NEWS

Professors call strike

Professors at universities and technical colleges called a five-day strike for next week and have warned of an indefinite walkout unless the government concedes to their demands for higher pay. Talks broke down yesterday when Deputy Finance Minister Nikos Farmakis offered professors a 7 percent increase, instead of the 20 percent over two years that the professors demanded. Sources said that National Economy and Finance Minister Nikos Christodoulakis and PASOK General Secretary Michalis Chrysochoidis met last night to see if they could improve the government offer. A protracted strike by professors – who are likely to be joined by secondary and elementary school teachers soon – could cause serious damage to the ruling PASOK party’s efforts to appear to be satisfying the demands of many social and professional groups in the runup to next spring’s elections. Prime Minister Costas Simitis has announced a program of handouts and wage increases that are expected to cost a total of 2.6 billion euros. But the government also has to control spending as various groups, seeing the handouts, raise their own demands for more money.

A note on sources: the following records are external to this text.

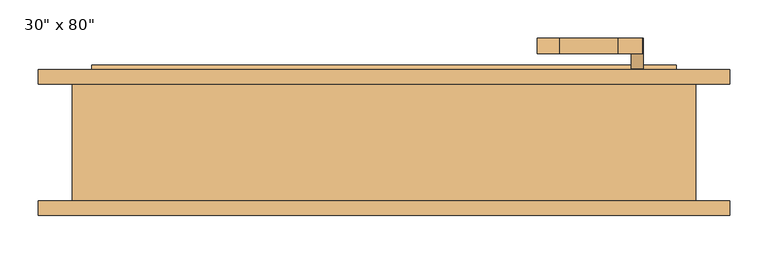
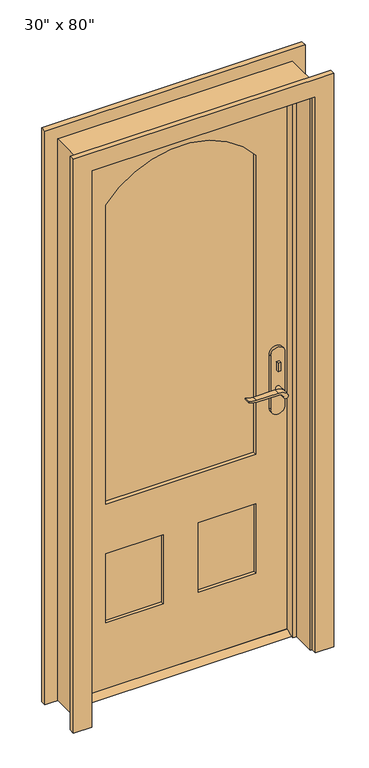
"""IFC4 building model written with IfcOpenShell, lengths in millimetres: door geometry."""

from ifc_helpers import new_model, si_unit, point, frame, frame_2d, origin, place, context, project, spatial, polyline, circle_curve, trimmed, segment, composite_curve, outline, extrude, faceted_brep, source, transform, mapped, element, save


def door_14b9be53(model_context):
    return source(origin(), model_context, "Body", "SolidModel", [
        extrude(outline(polyline([(38.1, 12.7), (73.025, 12.7), (98.425, 0.0), (12.7, 0.0), (38.1, 12.7)])), frame((-381.0, 0.0, 0.0), z_axis=(1.0, 0.0, 0.0), x_axis=(0.0, 1.0, 0.0)), (0.0, 0.0, 1.0), 762.0),
        extrude(outline(polyline([(335.2, 18.1), (325.2, 18.1), (325.2, 28.1), (335.2, 28.1), (335.2, 18.1)])), frame((0.0, 0.0, 981.9), z_axis=(0.0, 0.0, 1.0), x_axis=(1.0, 0.0, 0.0)), (0.0, 0.0, 1.0), 30.0),
        extrude(outline(composite_curve([segment(trimmed(circle_curve(frame_2d((996.9, 330.2)), 8.0), [point((996.9, 322.2))], [point((996.9, 338.2))], False, "CARTESIAN"), True, "CONTINUOUS"), segment(trimmed(circle_curve(frame_2d((996.9, 330.2)), 8.0), [point((996.9, 338.2))], [point((996.9, 322.2))], False, "CARTESIAN"), True, "CONTINUOUS")], self_intersect=False)), frame((0.0, 83.025, 0.0), z_axis=(0.0, 1.0, 0.0), x_axis=(0.0, 0.0, 1.0)), (0.0, 0.0, 1.0), 10.0),
        extrude(outline(composite_curve([segment(trimmed(circle_curve(frame_2d((897.1555521, 306.5324871)), 37.2832219), [point((919.0523287, 336.7081363))], [point((934.4, 304.8325667))], False, "CARTESIAN"), True, "CONTINUOUS"), segment(polyline([(934.4, 304.8325667), (934.4, 228.5564091)]), True, "CONTINUOUS"), segment(trimmed(circle_curve(frame_2d((1017.6850638, 228.6227909)), 83.2850902), [point((934.4, 228.5564091))], [point((939.4, 200.2))], True, "CARTESIAN"), True, "CONTINUOUS"), segment(polyline([(939.4, 200.2), (936.6135558, 200.2)]), True, "CONTINUOUS"), segment(trimmed(circle_curve(frame_2d((986.6709207, 232.1396612)), 59.3791355), [point((936.6135558, 200.2))], [point((927.4, 228.5564091))], False, "CARTESIAN"), True, "CONTINUOUS"), segment(polyline([(927.4, 228.5564091), (927.4, 304.8138099)]), True, "CONTINUOUS"), segment(trimmed(circle_curve(frame_2d((909.2738613, 304.8138099)), 18.1261387), [point((927.4, 304.8138099))], [point((914.4, 322.2))], True, "CARTESIAN"), True, "CONTINUOUS"), segment(trimmed(circle_curve(frame_2d((914.4, 330.2)), 8.0), [point((914.4, 322.2))], [point((919.0523287, 336.7081363))], False, "CARTESIAN"), True, "CONTINUOUS")], self_intersect=False)), frame((0.0, -21.9, 0.0), z_axis=(0.0, 1.0, 0.0), x_axis=(0.0, 0.0, 1.0)), (0.0, 0.0, 1.0), 20.0),
        extrude(outline(composite_curve([segment(trimmed(circle_curve(frame_2d((914.4, 330.2)), 8.0), [point((914.3999903, 322.2))], [point((919.0523287, 336.7081363))], False, "CARTESIAN"), True, "CONTINUOUS"), segment(trimmed(circle_curve(frame_2d((897.1555521, 306.5324871)), 37.2832219), [point((919.0523287, 336.7081363))], [point((934.4, 304.8325667))], False, "CARTESIAN"), True, "CONTINUOUS"), segment(polyline([(934.4, 304.8325667), (934.4, 228.5564091)]), True, "CONTINUOUS"), segment(trimmed(circle_curve(frame_2d((1017.6850638, 228.6227909)), 83.2850902), [point((934.4, 228.5564091))], [point((939.4, 200.2))], True, "CARTESIAN"), True, "CONTINUOUS"), segment(polyline([(939.4, 200.2), (936.6135558, 200.2)]), True, "CONTINUOUS"), segment(trimmed(circle_curve(frame_2d((986.6709207, 232.1396612)), 59.3791355), [point((936.6135558, 200.2))], [point((927.4, 228.5564091))], False, "CARTESIAN"), True, "CONTINUOUS"), segment(polyline([(927.4, 228.5564091), (927.4, 304.8138122)]), True, "CONTINUOUS"), segment(trimmed(circle_curve(frame_2d((909.2738682, 304.8138122)), 18.1261318), [point((927.4, 304.8138122))], [point((914.3999903, 322.2))], True, "CARTESIAN"), True, "CONTINUOUS")], self_intersect=False)), frame((0.0, 113.025, 0.0), z_axis=(0.0, 1.0, 0.0), x_axis=(0.0, 0.0, 1.0)), (0.0, 0.0, 1.0), 20.0),
        extrude(outline(composite_curve([segment(trimmed(circle_curve(frame_2d((914.4, 330.2)), 8.0), [point((914.4, 322.2))], [point((914.4, 338.2))], False, "CARTESIAN"), True, "CONTINUOUS"), segment(trimmed(circle_curve(frame_2d((914.4, 330.2)), 8.0), [point((914.4, 338.2))], [point((914.4, 322.2))], False, "CARTESIAN"), True, "CONTINUOUS")], self_intersect=False)), frame((0.0, -1.9, 0.0), z_axis=(0.0, 1.0, 0.0), x_axis=(0.0, 0.0, 1.0)), (0.0, 0.0, 1.0), 30.0),
        extrude(outline(composite_curve([segment(trimmed(circle_curve(frame_2d((914.4, 330.2)), 8.0), [point((914.4, 322.2))], [point((914.4, 338.2))], False, "CARTESIAN"), True, "CONTINUOUS"), segment(trimmed(circle_curve(frame_2d((914.4, 330.2)), 8.0), [point((914.4, 338.2))], [point((914.4, 322.2))], False, "CARTESIAN"), True, "CONTINUOUS")], self_intersect=False)), frame((0.0, 83.025, 0.0), z_axis=(0.0, 1.0, 0.0), x_axis=(0.0, 0.0, 1.0)), (0.0, 0.0, 1.0), 30.0),
        extrude(outline(composite_curve([segment(polyline([(844.4, 355.2), (1039.4, 355.2)]), True, "CONTINUOUS"), segment(trimmed(circle_curve(frame_2d((1039.4, 330.2)), 25.0), [point((1039.4, 355.2))], [point((1039.4, 305.2))], False, "CARTESIAN"), True, "CONTINUOUS"), segment(polyline([(1039.4, 305.2), (844.4, 305.2)]), True, "CONTINUOUS"), segment(trimmed(circle_curve(frame_2d((844.4, 330.2)), 25.0), [point((844.4, 305.2))], [point((844.4, 355.2))], False, "CARTESIAN"), True, "CONTINUOUS")], self_intersect=False)), frame((0.0, 28.1, 0.0), z_axis=(0.0, 1.0, 0.0), x_axis=(0.0, 0.0, 1.0)), (0.0, 0.0, 1.0), 10.0),
        extrude(outline(composite_curve([segment(polyline([(844.4, 355.2), (1039.4, 355.2)]), True, "CONTINUOUS"), segment(trimmed(circle_curve(frame_2d((1039.4, 330.2)), 25.0), [point((1039.4, 355.2))], [point((1039.4, 305.2))], False, "CARTESIAN"), True, "CONTINUOUS"), segment(polyline([(1039.4, 305.2), (844.4, 305.2)]), True, "CONTINUOUS"), segment(trimmed(circle_curve(frame_2d((844.4, 330.2)), 25.0), [point((844.4, 305.2))], [point((844.4, 355.2))], False, "CARTESIAN"), True, "CONTINUOUS")], self_intersect=False)), frame((0.0, 73.025, 0.0), z_axis=(0.0, 1.0, 0.0), x_axis=(0.0, 0.0, 1.0)), (0.0, 0.0, 1.0), 10.0),
        extrude(outline(polyline([(2032.0, -381.0), (12.7, -381.0), (12.7, 381.0), (2032.0, 381.0), (2032.0, -381.0)]), holes=[composite_curve([segment(polyline([(688.975, -260.35), (1784.35, -260.35)]), True, "CONTINUOUS"), segment(trimmed(circle_curve(frame_2d((1580.99125, 0.0)), 330.35875), [point((1784.35, -260.35))], [point((1784.35, 260.35))], True, "CARTESIAN"), True, "CONTINUOUS"), segment(polyline([(1784.35, 260.35), (688.975, 260.35), (688.975, -260.35)]), True, "CONTINUOUS")], self_intersect=False), polyline([(508.0, -60.325), (254.0, -60.325), (254.0, -260.35), (508.0, -260.35), (508.0, -60.325)]), polyline([(508.0, 260.35), (254.0, 260.35), (254.0, 60.325), (508.0, 60.325), (508.0, 260.35)])]), frame((0.0, 38.1, 0.0), z_axis=(0.0, 1.0, 0.0), x_axis=(0.0, 0.0, 1.0)), (0.0, 0.0, 1.0), 34.925),
        faceted_brep([(406.4, 73.025, 0.0), (406.4, -79.375, 0.0), (381.0, -79.375, 0.0), (381.0, 3.175, 0.0), (368.3, 3.175, 0.0), (368.3, 38.1, 0.0), (381.0, 38.1, 0.0), (381.0, 73.025, 0.0), (406.4, 73.025, 2057.4), (406.4, -79.375, 2057.4), (-406.4, -79.375, 2057.4), (-406.4, -79.375, 0.0), (-381.0, -79.375, 0.0), (-381.0, -79.375, 2032.0), (381.0, -79.375, 2032.0), (381.0, 3.175, 2032.0), (-381.0, 3.175, 2032.0), (-381.0, 3.175, 0.0), (-368.3, 3.175, 0.0), (-368.3, 3.175, 2019.3), (368.3, 3.175, 2019.3), (368.3, 38.1, 2019.3), (-368.3, 38.1, 2019.3), (-368.3, 38.1, 0.0), (-381.0, 38.1, 0.0), (-381.0, 38.1, 2032.0), (381.0, 38.1, 2032.0), (381.0, 73.025, 2032.0), (-381.0, 73.025, 2032.0), (-381.0, 73.025, 0.0), (-406.4, 73.025, 0.0), (-406.4, 73.025, 2057.4)], [[[0, 1, 2, 3, 4, 5, 6, 7]], [[1, 0, 8, 9]], [[2, 1, 9, 10, 11, 12, 13, 14]], [[3, 2, 14, 15]], [[4, 3, 15, 16, 17, 18, 19, 20]], [[5, 4, 20, 21]], [[6, 5, 21, 22, 23, 24, 25, 26]], [[7, 6, 26, 27]], [[0, 7, 27, 28, 29, 30, 31, 8]], [[9, 8, 31, 10]], [[15, 14, 13, 16]], [[21, 20, 19, 22]], [[27, 26, 25, 28]], [[30, 29, 24, 23, 18, 17, 12, 11]], [[10, 31, 30, 11]], [[16, 13, 12, 17]], [[22, 19, 18, 23]], [[28, 25, 24, 29]]]),
        extrude(outline(polyline([(-60.325, 49.7416667), (-260.35, 49.7416667), (-260.35, 61.3833333), (-60.325, 61.3833333), (-60.325, 49.7416667)])), frame((0.0, 0.0, 254.0), z_axis=(0.0, 0.0, 1.0), x_axis=(1.0, 0.0, 0.0)), (0.0, 0.0, 1.0), 254.0),
        extrude(outline(polyline([(260.35, 49.7416667), (60.325, 49.7416667), (60.325, 61.3833333), (260.35, 61.3833333), (260.35, 49.7416667)])), frame((0.0, 0.0, 254.0), z_axis=(0.0, 0.0, 1.0), x_axis=(1.0, 0.0, 0.0)), (0.0, 0.0, 1.0), 254.0),
        extrude(outline(composite_curve([segment(polyline([(688.975, -260.35), (688.975, 260.35), (1784.35, 260.35)]), True, "CONTINUOUS"), segment(trimmed(circle_curve(frame_2d((1580.99125, 0.0)), 330.35875), [point((1784.35, 260.35))], [point((1784.35, -260.35))], False, "CARTESIAN"), True, "CONTINUOUS"), segment(polyline([(1784.35, -260.35), (688.975, -260.35)]), True, "CONTINUOUS")], self_intersect=False)), frame((0.0, 52.07, 0.0), z_axis=(0.0, 1.0, 0.0), x_axis=(0.0, 0.0, 1.0)), (0.0, 0.0, 1.0), 6.985),
        extrude(outline(polyline([(0.0, -450.85), (0.0, -387.35), (2038.35, -387.35), (2038.35, 387.35), (0.0, 387.35), (0.0, 450.85), (2101.85, 450.85), (2101.85, -450.85), (0.0, -450.85)])), frame((0.0, -98.425, 0.0), z_axis=(0.0, 1.0, 0.0), x_axis=(0.0, 0.0, 1.0)), (0.0, 0.0, 1.0), 19.05),
        extrude(outline(polyline([(0.0, -450.85), (0.0, -387.35), (2038.35, -387.35), (2038.35, 387.35), (0.0, 387.35), (0.0, 450.85), (2101.85, 450.85), (2101.85, -450.85), (0.0, -450.85)])), frame((0.0, 73.025, 0.0), z_axis=(0.0, 1.0, 0.0), x_axis=(0.0, 0.0, 1.0)), (0.0, 0.0, 1.0), 19.05),
    ])


if __name__ == "__main__":
    model = new_model("IFC4")
    model_context = context("Model", 3, world=origin())
    ifc_project = project(units=[si_unit("LENGTHUNIT", "METRE", prefix="MILLI")], contexts=[model_context])
    site = spatial("IfcSite", under=ifc_project)
    building = spatial("IfcBuilding", under=site)
    placement = place(None, origin())
    door_shape = door_14b9be53(model_context)
    element("IfcDoor", 1, ObjectType="30\" x 80\"", at=placement, inside=building, context=model_context, shape_type="MappedRepresentation", body=[
        mapped(door_shape, transform((0.0, 0.0, 0.0), x_axis=(1.0, 0.0, 0.0), y_axis=(0.0, 1.0, 0.0), z_axis=(0.0, 0.0, 1.0))),
    ])
    save(model, "model.ifc")

# Revit data of these elements
# Type "30\" x 80\""
#   Type Mark = "9"
#   Assembly Code = "B2030100"
#   Analytic Construction = "French door, wood frame with single glass"
#   Threshold Offset [instance default] = 0' - 0 1/2"
#   Thickness = 0' - 1 3/8"
#   Thermal Resistance (R) = 1.0696 (h·ft²·°F)/BTU
#   Swing Angle [instance default] = 90.00°
#   Stiles = 0' - 4 3/4"
#   Rough Width = 2' - 8"
#   Rough Height = 6' - 9"
#   Radius = 1' - 1.00625"
#   Lock Rail = 0' - 7 1/8"
#   Height = 6' - 8"
#   Width = 2' - 6"
#   Heat Transfer Coefficient (U) = 0.9350 BTU/(h·ft²·°F)
#   Door Offset [instance default] = 0' - 0"
#   Bottom Rail = 0' - 9 1/2"
#   Threshold [instance default] = yes
#   Function = 1
#   Exterior Trim [instance default] = yes
#   Trim Material = Cherry
#   Threshold Material = Cherry
#   Panel Material = Cherry
#   Glazing = Glass
#   Frame Material = Cherry
#   Door Handle Material = Aluminum
#   Visual Light Transmittance = 0
#   Solar Heat Gain Coefficient = 0
#   Wall Closure = (empty or 0)
#   Construction Type = (empty or 0)
# Element 1 (IfcDoor, "30\" x 80\"")
#   Materials on its faces: "Cherry", "Aluminum", "Glass"
# Materials
#   "Cherry": class "Wood", colour RGB 226 177 128, transparency 0, Description = "Prunus Serotina", Cost = 0
#   "Glass": class "Glass", colour RGB 0 128 192, transparency 0.75, Description = "Soda Lime Glass", Cost = 0
#   "Aluminum": class "Metal", colour RGB 247 247 247, transparency 0, Description = "Aluminum 6061", Cost = 0

The General Accounts Office warned yesterday that spending this year was in danger of exceeding budget forecasts by 1.5 billion euros, because of increased spending on Olympic projects and greater primary spending, including increases in wages and pensions. Representatives of elementary school teachers are to meet on Tuesday to discuss what action they will take if the government rejects their demand for a 176-euro bonus that other civil servants get. University professors have scheduled a protest march from the old University on Panepistimiou Street to the Education Ministry at Syntagma Square at 11 a.m. on Monday. The government yesterday offered them a 7 percent increase in gross wages for next year without any commitment for 2005. Farmakis also said that bonuses would not be incorporated in their salaries. «We are not going to negotiate any further, this is a travesty. We will continue our protest,» the president of the national federation of university professors (POSDEP), Christos Trikalinos, told Kathimerini. He said that the 7 percent would turn into 2.8 percent after a 40 percent tax and 1.5 percent increase in social security payments were levied.